6.5. Het betoog van [appellant A] en anderen dat de overweging van de rechtbank dat de ontsluitingsweg aan de voorzijde van de woningen in zijn volledige capaciteit is blijven bestaan in tegenspraak is met de adviezen van de SAOZ, berust op een onjuiste lezing van de desbetreffende overweging. Die ziet op de feitelijke situatie, niet op de planologische vergelijking. De rechtbank heeft terecht niet aannemelijk gemaakt geacht dat het verkeer door de inwerkingtreding van het bestemmingsplan "Eeserwold" ter hoogte van de percelen zal toenemen.

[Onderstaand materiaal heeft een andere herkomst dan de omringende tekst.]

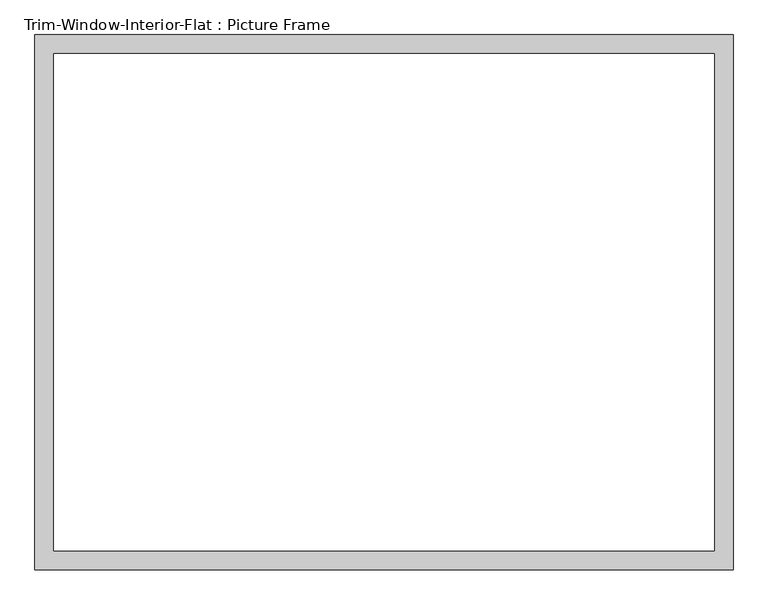
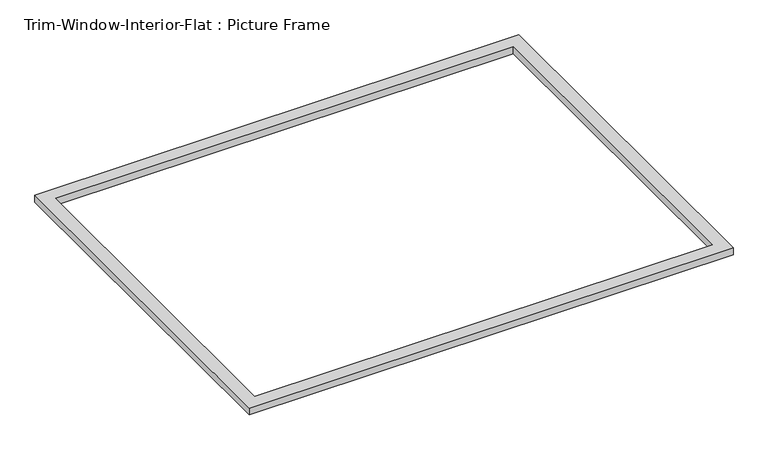
"""IFC4 building model written with IfcOpenShell, lengths in millimetres: proxy geometry, Trim-Window-Interior-Flat : Picture Frame."""

from ifc_helpers import new_model, si_unit, origin, origin_with_axes, place, context, project, spatial, polyline, outline, extrude, source, transform, mapped, element, save


def trim_window_interior_flat_picture_frame_fb3c0359(model_context):
    return source(origin(), model_context, "Body", "SweptSolid", [
        extrude(outline(polyline([(1051.6334769, 44.45), (1051.6334769, -1568.45), (-1051.6334769, -1568.45), (-1051.6334769, 44.45), (1051.6334769, 44.45)]), holes=[polyline([(994.4834769, -12.7), (-994.4834769, -12.7), (-994.4834769, -1511.3), (994.4834769, -1511.3), (994.4834769, -12.7)])]), origin_with_axes(), (0.0, 0.0, 1.0), 31.75),
    ])


if __name__ == "__main__":
    model = new_model("IFC4")
    model_context = context("Model", 3, world=origin())
    ifc_project = project(units=[si_unit("LENGTHUNIT", "METRE", prefix="MILLI")], contexts=[model_context])
    site = spatial("IfcSite", under=ifc_project)
    building = spatial("IfcBuilding", under=site)
    placement = place(None, origin())
    trim_window_interior_flat_picture_frame_shape = trim_window_interior_flat_picture_frame_fb3c0359(model_context)
    element("IfcBuildingElementProxy", 1, Name="Trim-Window-Interior-Flat : Picture Frame", ObjectType="Trim-Window-Interior-Flat : Picture Frame", at=placement, inside=building, context=model_context, shape_type="MappedRepresentation", body=[
        mapped(trim_window_interior_flat_picture_frame_shape, transform((0.0, 0.0, 0.0), x_axis=(1.0, 0.0, 0.0), y_axis=(0.0, 1.0, 0.0), z_axis=(0.0, 0.0, 1.0))),
    ])
    save(model, "model.ifc")

# Revit data of these elements
# Type "Trim-Window-Interior-Flat : Picture Frame"
#   Trim Thickness_Picture Frame = 0' - 1 1/4"
#   Trim Width = 0' - 2 1/4"
#   Trim Thickness_with Sill = 0' - 0 3/4"
#   Sill Thickness = 0' - 1 1/4"
#   Opening Width [instance default] = 2' - 0"
#   Opening Height [instance default] = 3' - 0"
#   Default Elevation = 4' - 0"
#   Sill = no
#   Picture Frame = yes
#   Trim Material [instance default] = none
# Element 1 (IfcBuildingElementProxy, "Trim-Window-Interior-Flat : Picture Frame")
#   Opening Width = 6' - 7.30579"
#   Opening Height = 5' - 0"
#   Trim Material = Wood - Stained
#   Materials on its faces: "Wood - Stained"
# Materials
#   "Wood - Stained": class "Wood", colour RGB 224 178 126, transparency 0, Cost = 0

Het college heeft zich in dit verband, onder verwijzing naar de adviezen van de SAOZ, op het standpunt mogen stellen dat door het vervallen van de recreatieve bestemming en de mogelijkheid om 500 zomerhuizen op te richten, het aantal verkeersbewegingen, zoals dat onder het bestemmingsplan "Bungalowpark Eesveense Hooilanden" in het gebied zal afnemen, waardoor ook geen toename van de geluidshinder en stankoverlast ten gevolge van het verkeer valt te verwachten. De rechtbank hoefde derhalve niet nader in te gaan op hetgeen [appellant A] en anderen daarover naar voren hebben gebracht. De rotonde die in de nieuwe planologische situatie op 100 m van het perceel met nr. [locatie 2] is voorzien, is op een zo grote afstand gelegen, dat de SAOZ de mogelijke hinder van inschijnende koplampen in de woning met nr. [locatie 2] zo beperkt heeft kunnen achten, dat daarmee geen rekening hoefde te worden gehouden. [appellant A] en anderen hebben het tegendeel niet aannemelijk gemaakt.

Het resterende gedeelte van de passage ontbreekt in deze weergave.